I knew what he meant. Apart from Jackstraw and myself, there probably wasn't a handful of people in all Greenland who could start that damned Citroen, far less drive it, only Jackstraw could handle the dogs, and it was long odds indeed against any of the passengers knowing anything at all about astral or magnetic compass navigation – the latter very tricky indeed in these high latitudes. These special skills should have been guarantee enough of our immediate survival.

"True enough," I agreed. "But I suspect they haven't given any thought to these things simply because they haven't realised the importance of them. We'll make it our business to point out that importance very plainly. Then we're both insured. Meantime, we'll have one last effort to clear this business up before we get started. It's not going to make us very popular, but we can't help that." I explained what I had in mind, and he nodded thoughtful agreement.

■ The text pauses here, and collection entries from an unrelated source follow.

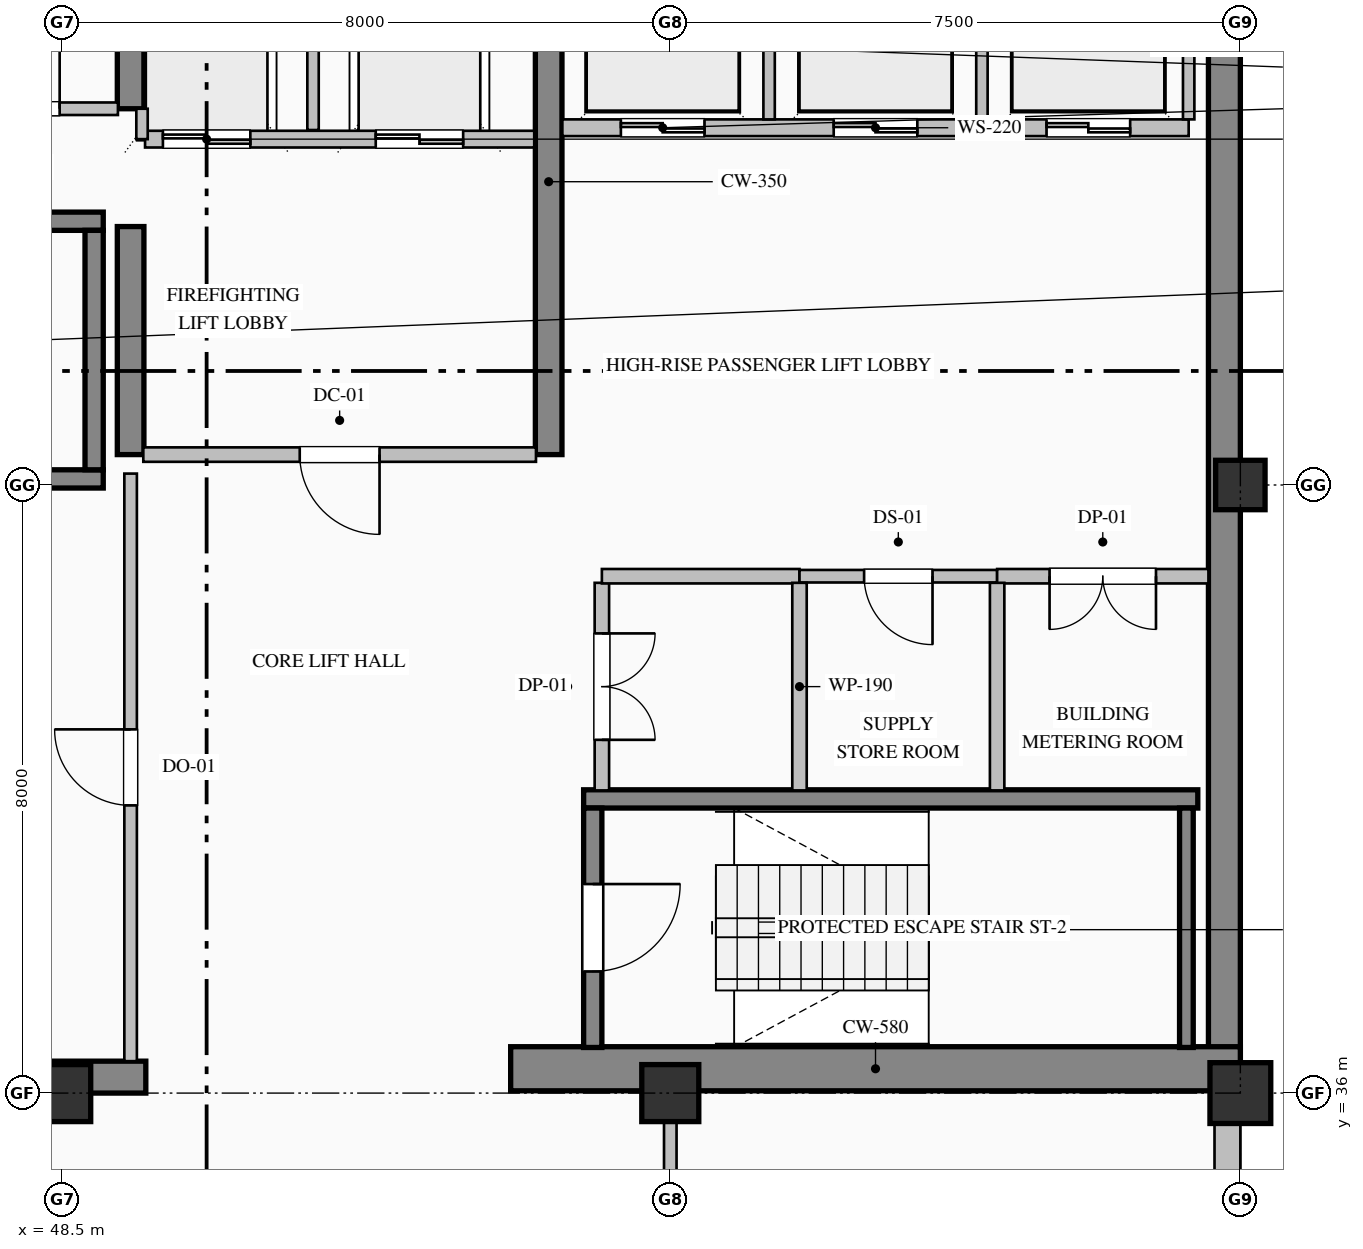
"""IFC4 building model, lengths in metres.
Left out: names, types, materials, properties, quantities, classifications, styles, units other than length and angle.
Written with IfcOpenShell. Run it as: python <this file> out.ifc"""

import sys

from ifc_helpers import new_model, si_unit, direction, frame, frame_2d, origin, origin_2d, place, context, subcontext, project, spatial, rectangle, hollow_rectangle, extrude, element, fill, save


model = new_model("IFC4")
c1 = context("Model", 3, precision=1e-05, world=origin(), true_north=direction((0.0, 1.0)))
c2 = subcontext(c1, "Body", "Model", "MODEL_VIEW")
j1 = project(units=[si_unit("LENGTHUNIT", "METRE"), si_unit("PLANEANGLEUNIT", "RADIAN")], contexts=[c1])
p1 = place(None, origin())
s1 = spatial("IfcSite", under=j1, at=p1, CompositionType="ELEMENT")
p2 = place(p1, origin())
s2 = spatial("IfcBuilding", under=s1, at=p2, CompositionType="ELEMENT")
p3 = place(p2, frame((0.0, 0.0, 339.2)))
s3 = spatial("IfcBuildingStorey", under=s2, at=p3, CompositionType="ELEMENT", Elevation=339.2)
p4 = place(p3, frame((63.79, 36.32, 0.0), z_axis=(0.0, 0.0, 1.0), x_axis=(0.0, 1.0, 0.0)))
e1 = element("IfcWall", 1, at=p4, inside=s3, PredefinedType="SHEAR", context=c2, shape_type="SweptSolid", body=[
    extrude(rectangle(XDim=15.26, YDim=0.42, at=frame_2d((7.63, 0.0))), origin(), (0.0, 0.0, 1.0), 3.785),
])
p5 = place(p3, frame((40.5, 36.21, 0.0), z_axis=(0.0, 0.0, 1.0), x_axis=(1.0, 0.0, 0.0)))
e2 = element("IfcWall", 2, at=p5, inside=s3, PredefinedType="SHEAR", context=c2, shape_type="SweptSolid", body=[
    extrude(rectangle(XDim=9.1, YDim=0.42, at=frame_2d((4.55, 0.0))), origin(), (0.0, 0.0, 1.0), 3.785),
])
p6 = place(p3, frame((54.4, 36.32, 0.0), z_axis=(0.0, 0.0, 1.0), x_axis=(1.0, 0.0, 0.0)))
e3 = element("IfcWall", 3, at=p6, inside=s3, PredefinedType="SHEAR", context=c2, shape_type="SweptSolid", body=[
    extrude(rectangle(XDim=9.6, YDim=0.58, at=frame_2d((4.8, 0.0))), origin(), (0.0, 0.0, 1.0), 4.0),
])
p7 = place(p3, frame((49.4, 44.4, 0.0), z_axis=(0.0, 0.0, 1.0), x_axis=(0.0, 1.0, 0.0)))
e4 = element("IfcWall", 4, at=p7, inside=s3, PredefinedType="SHEAR", context=c2, shape_type="SweptSolid", body=[
    extrude(rectangle(XDim=3.0, YDim=0.35, at=frame_2d((1.5, 0.0))), origin(), (0.0, 0.0, 1.0), 3.785),
])
p8 = place(p3, frame((49.4, 48.95, 0.0), z_axis=(0.0, 0.0, 1.0), x_axis=(0.0, 1.0, 0.0)))
e5 = element("IfcWall", 5, at=p8, inside=s3, PredefinedType="SHEAR", context=c2, shape_type="SweptSolid", body=[
    extrude(rectangle(XDim=2.63, YDim=0.35, at=frame_2d((1.315, 0.0))), origin(), (0.0, 0.0, 1.0), 3.785),
])
p9 = place(p3, frame((54.9, 44.4, 0.0), z_axis=(0.0, 0.0, 1.0), x_axis=(0.0, 1.0, 0.0)))
e6 = element("IfcWall", 6, at=p9, inside=s3, PredefinedType="SHEAR", context=c2, shape_type="SweptSolid", body=[
    extrude(rectangle(XDim=7.18, YDim=0.35, at=frame_2d((3.59, 0.0))), origin(), (0.0, 0.0, 1.0), 3.785),
])
for number, where, z_axis, x_axis in (
    (7, (48.5, 36.0, 0.0), (0.0, 0.0, 1.0), (1.0, 0.0, 0.0)),
    (8, (56.5, 36.0, 0.0), (0.0, 0.0, 1.0), (1.0, 0.0, 0.0)),
):
    element("IfcColumn", number, at=place(p3, frame(where, z_axis=z_axis, x_axis=x_axis)), inside=s3, PredefinedType="COLUMN", context=c2, shape_type="SweptSolid", body=[
        extrude(rectangle(XDim=0.75, YDim=0.75, at=origin_2d()), origin(), (0.0, 0.0, 1.0), 4.0),
    ])
p10 = place(p3, frame((64.0, 36.0, 0.0), z_axis=(0.0, 0.0, 1.0), x_axis=(1.0, 0.0, 0.0)))
e9 = element("IfcColumn", 9, at=p10, inside=s3, PredefinedType="COLUMN", context=c2, shape_type="SweptSolid", body=[
    extrude(hollow_rectangle(XDim=0.8, YDim=0.8, WallThickness=0.032, at=origin_2d()), origin(), (0.0, 0.0, 1.0), 4.0),
])
p11 = place(p3, frame((64.0, 44.0, 0.0), z_axis=(0.0, 0.0, 1.0), x_axis=(1.0, 0.0, 0.0)))
e10 = element("IfcColumn", 10, at=p11, inside=s3, PredefinedType="COLUMN", context=c2, shape_type="SweptSolid", body=[
    extrude(hollow_rectangle(XDim=0.65, YDim=0.65, WallThickness=0.028, at=origin_2d()), origin(), (0.0, 0.0, 1.0), 4.0),
])
p12 = place(p3, frame((63.83, 36.05, 0.0), z_axis=(0.0, 0.0, 1.0), x_axis=(0.0, -1.0, 0.0)))
e11 = element("IfcWall", 11, at=p12, inside=s3, PredefinedType="SOLIDWALL", context=c2, shape_type="SweptSolid", body=[
    extrude(rectangle(XDim=13.55, YDim=0.34, at=frame_2d((6.775, 0.0))), origin(), (0.0, 0.0, 1.0), 3.335),
])
p13 = place(p12, frame((3.075, 0.0, 0.8)))
e12 = element("IfcOpeningElement", 12, at=p13, cuts=e11, PredefinedType="OPENING", context=c2, shape_type="SweptSolid", body=[
    extrude(rectangle(XDim=1.05, YDim=2.15, at=frame_2d((0.525, 1.075))), frame((0.0, 0.18, 0.0), z_axis=(0.0, -1.0, 0.0), x_axis=(1.0, 0.0, 0.0)), (0.0, 0.0, 1.0), 0.36),
])
for number, where, z_axis, x_axis in (
    (13, (40.96, 47.47, 0.0), (0.0, 0.0, 1.0), (1.0, 0.0, 0.0)),
    (14, (49.04, 44.08, 0.0), (0.0, 0.0, 1.0), (-1.0, 0.0, 0.0)),
):
    element("IfcWall", number, at=place(p3, frame(where, z_axis=z_axis, x_axis=x_axis)), inside=s3, PredefinedType="SOLIDWALL", context=c2, shape_type="SweptSolid", body=[
        extrude(rectangle(XDim=8.08, YDim=0.24, at=frame_2d((4.04, 0.0))), origin(), (0.0, 0.0, 1.0), 4.0),
    ])
p14 = place(p3, frame((48.92, 44.2, 0.0), z_axis=(0.0, 0.0, 1.0), x_axis=(0.0, 1.0, 0.0)))
e15 = element("IfcWall", 15, at=p14, inside=s3, PredefinedType="SOLIDWALL", context=c2, shape_type="SweptSolid", body=[
    extrude(rectangle(XDim=3.15, YDim=0.24, at=frame_2d((1.575, 0.0))), origin(), (0.0, 0.0, 1.0), 4.0),
])
p15 = place(p3, frame((55.36, 39.87, 0.0), z_axis=(0.0, 0.0, 1.0), x_axis=(1.0, 0.0, 0.0)))
e16 = element("IfcWall", 16, at=p15, inside=s3, PredefinedType="SOLIDWALL", context=c2, shape_type="SweptSolid", body=[
    extrude(rectangle(XDim=8.08, YDim=0.24, at=frame_2d((4.04, 0.0))), origin(), (0.0, 0.0, 1.0), 4.0),
])
p16 = place(p3, frame((55.48, 39.75, 0.0), z_axis=(0.0, 0.0, 1.0), x_axis=(0.0, -1.0, 0.0)))
e17 = element("IfcWall", 17, at=p16, inside=s3, PredefinedType="SOLIDWALL", context=c2, shape_type="SweptSolid", body=[
    extrude(rectangle(XDim=3.15, YDim=0.24, at=frame_2d((1.575, 0.0))), origin(), (0.0, 0.0, 1.0), 4.0),
])
p17 = place(p16, frame((1.0, 0.0, 0.0)))
e18 = element("IfcOpeningElement", 18, at=p17, cuts=e17, PredefinedType="OPENING", context=c2, shape_type="SweptSolid", body=[
    extrude(rectangle(XDim=1.15, YDim=2.2, at=frame_2d((0.575, 1.1))), frame((0.0, 0.13, 0.0), z_axis=(0.0, -1.0, 0.0), x_axis=(1.0, 0.0, 0.0)), (0.0, 0.0, 1.0), 0.26),
])
p18 = place(p3, frame((63.29, 36.6, 0.0), z_axis=(0.0, 0.0, 1.0), x_axis=(0.0, 1.0, 0.0)))
e19 = element("IfcWall", 19, at=p18, inside=s3, PredefinedType="SOLIDWALL", context=c2, shape_type="SweptSolid", body=[
    extrude(rectangle(XDim=3.15, YDim=0.18, at=frame_2d((1.575, 0.0))), origin(), (0.0, 0.0, 1.0), 4.0),
])
p19 = place(p3, frame((54.71, 48.55, 0.0), z_axis=(0.0, 0.0, 1.0), x_axis=(-1.0, 0.0, 0.0)))
e20 = element("IfcWall", 20, at=p19, inside=s3, PredefinedType="PARTITIONING", context=c2, shape_type="SweptSolid", body=[
    extrude(rectangle(XDim=5.12, YDim=0.22, at=frame_2d((2.56, 0.0))), origin(), (0.0, 0.0, 1.0), 3.785),
])
p20 = place(p19, frame((3.735, 0.0, 0.0)))
e21 = element("IfcOpeningElement", 21, at=p20, cuts=e20, PredefinedType="OPENING", context=c2, shape_type="SweptSolid", body=[
    extrude(rectangle(XDim=1.15, YDim=2.2, at=frame_2d((0.575, 1.1))), frame((0.0, 0.12, 0.0), z_axis=(0.0, -1.0, 0.0), x_axis=(1.0, 0.0, 0.0)), (0.0, 0.0, 1.0), 0.24),
])
p21 = place(p19, frame((0.935, 0.0, 0.0)))
e22 = element("IfcOpeningElement", 22, at=p21, cuts=e20, PredefinedType="OPENING", context=c2, shape_type="SweptSolid", body=[
    extrude(rectangle(XDim=1.15, YDim=2.2, at=frame_2d((0.575, 1.1))), frame((0.0, 0.12, 0.0), z_axis=(0.0, -1.0, 0.0), x_axis=(1.0, 0.0, 0.0)), (0.0, 0.0, 1.0), 0.24),
])
p22 = place(p3, frame((51.8, 48.67, 0.0), z_axis=(0.0, 0.0, 1.0), x_axis=(0.0, 1.0, 0.0)))
e23 = element("IfcWall", 23, at=p22, inside=s3, PredefinedType="PARTITIONING", context=c2, shape_type="SweptSolid", body=[
    extrude(rectangle(XDim=2.91, YDim=0.15, at=frame_2d((1.455, 0.0))), origin(), (0.0, 0.0, 1.0), 3.785),
])
p23 = place(p3, frame((49.55, 48.55, 0.0), z_axis=(0.0, 0.0, 1.0), x_axis=(0.0, 1.0, 0.0)))
e24 = element("IfcWall", 24, at=p23, inside=s3, PredefinedType="PARTITIONING", context=c2, shape_type="SweptSolid", body=[
    extrude(rectangle(XDim=0.4, YDim=0.15, at=frame_2d((0.2, 0.0))), origin(), (0.0, 0.0, 1.0), 3.785),
])
p24 = place(p3, frame((63.32, 48.7, 0.0), z_axis=(0.0, 0.0, 1.0), x_axis=(-1.0, 0.0, 0.0)))
e25 = element("IfcWall", 25, at=p24, inside=s3, PredefinedType="PARTITIONING", context=c2, shape_type="SweptSolid", body=[
    extrude(rectangle(XDim=8.24, YDim=0.22, at=frame_2d((4.12, 0.0))), origin(), (0.0, 0.0, 1.0), 3.785),
])
p25 = place(p24, frame((6.37, 0.0, 0.0)))
e26 = element("IfcOpeningElement", 26, at=p25, cuts=e25, PredefinedType="OPENING", context=c2, shape_type="SweptSolid", body=[
    extrude(rectangle(XDim=1.1, YDim=2.2, at=frame_2d((0.55, 1.1))), frame((0.0, 0.12, 0.0), z_axis=(0.0, -1.0, 0.0), x_axis=(1.0, 0.0, 0.0)), (0.0, 0.0, 1.0), 0.24),
])
p26 = place(p24, frame((3.57, 0.0, 0.0)))
e27 = element("IfcOpeningElement", 27, at=p26, cuts=e25, PredefinedType="OPENING", context=c2, shape_type="SweptSolid", body=[
    extrude(rectangle(XDim=1.1, YDim=2.2, at=frame_2d((0.55, 1.1))), frame((0.0, 0.12, 0.0), z_axis=(0.0, -1.0, 0.0), x_axis=(1.0, 0.0, 0.0)), (0.0, 0.0, 1.0), 0.24),
])
p27 = place(p24, frame((0.77, 0.0, 0.0)))
e28 = element("IfcOpeningElement", 28, at=p27, cuts=e25, PredefinedType="OPENING", context=c2, shape_type="SweptSolid", body=[
    extrude(rectangle(XDim=1.1, YDim=2.2, at=frame_2d((0.55, 1.1))), frame((0.0, 0.12, 0.0), z_axis=(0.0, -1.0, 0.0), x_axis=(1.0, 0.0, 0.0)), (0.0, 0.0, 1.0), 0.24),
])
for number, where, z_axis, x_axis in (
    (29, (57.8, 48.81, 0.0), (0.0, 0.0, 1.0), (0.0, 1.0, 0.0)),
    (30, (60.6, 48.81, 0.0), (0.0, 0.0, 1.0), (0.0, 1.0, 0.0)),
    (31, (63.32, 48.81, 0.0), (0.0, 0.0, 1.0), (0.0, 1.0, 0.0)),
):
    element("IfcWall", number, at=place(p3, frame(where, z_axis=z_axis, x_axis=x_axis)), inside=s3, PredefinedType="PARTITIONING", context=c2, shape_type="SweptSolid", body=[
        extrude(rectangle(XDim=2.77, YDim=0.15, at=frame_2d((1.385, 0.0))), origin(), (0.0, 0.0, 1.0), 3.785),
    ])
p28 = place(p3, frame((46.8, 48.95, 0.0), z_axis=(0.0, 0.0, 1.0), x_axis=(1.0, 0.0, 0.0)))
e32 = element("IfcWall", 32, at=p28, inside=s3, PredefinedType="PARTITIONING", context=c2, shape_type="SweptSolid", body=[
    extrude(rectangle(XDim=2.433, YDim=0.165, at=frame_2d((1.216, 0.0))), origin(), (0.0, 0.0, 1.0), 3.785),
])
p29 = place(p28, frame((0.767, 0.0, 0.0)))
e33 = element("IfcOpeningElement", 33, at=p29, cuts=e32, PredefinedType="OPENING", context=c2, shape_type="SweptSolid", body=[
    extrude(rectangle(XDim=0.9, YDim=2.15, at=frame_2d((0.45, 1.075))), frame((0.0, 0.093, 0.0), z_axis=(0.0, -1.0, 0.0), x_axis=(1.0, 0.0, 0.0)), (0.0, 0.0, 1.0), 0.185),
])
p30 = place(p3, frame((54.733, 44.4, 0.0), z_axis=(0.0, 0.0, 1.0), x_axis=(-1.0, 0.0, 0.0)))
e34 = element("IfcWall", 34, at=p30, inside=s3, PredefinedType="PARTITIONING", context=c2, shape_type="SweptSolid", body=[
    extrude(rectangle(XDim=5.166, YDim=0.19, at=frame_2d((2.583, 0.0))), origin(), (0.0, 0.0, 1.0), 3.785),
])
p31 = place(p30, frame((2.058, 0.0, 0.0)))
e35 = element("IfcOpeningElement", 35, at=p31, cuts=e34, PredefinedType="OPENING", context=c2, shape_type="SweptSolid", body=[
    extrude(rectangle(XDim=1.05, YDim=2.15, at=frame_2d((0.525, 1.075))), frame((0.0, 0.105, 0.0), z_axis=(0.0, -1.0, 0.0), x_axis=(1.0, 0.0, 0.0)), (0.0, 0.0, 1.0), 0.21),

After he had gone below, I waited a couple of minutes and then followed him. All nine of the passengers were sitting in the cabin now – eight, rather, watching Marie LeGarde presiding over a soup pan – and I took a long, long look at all of them. It was the first time I had ever examined a group of my fellow-men with the object of trying to decide which among them were murderers, and found it a strange and unsettling experience.

In the first place, every one of them looked to me like a potential or actual murderer – or murderess – but even with that thought came the realisation that this was purely because I associated murder with abnormality, and in these wildly unlikely surroundings, clad in the layered bulkiness of these wildly unlikely clothes, every one of them seemed far removed from normality. But on a second and closer look, when one ignored the irrelevancies of surroundings and clothes, there remained only a group of shivering, feet-stamping, miserable and very ordinary people indeed.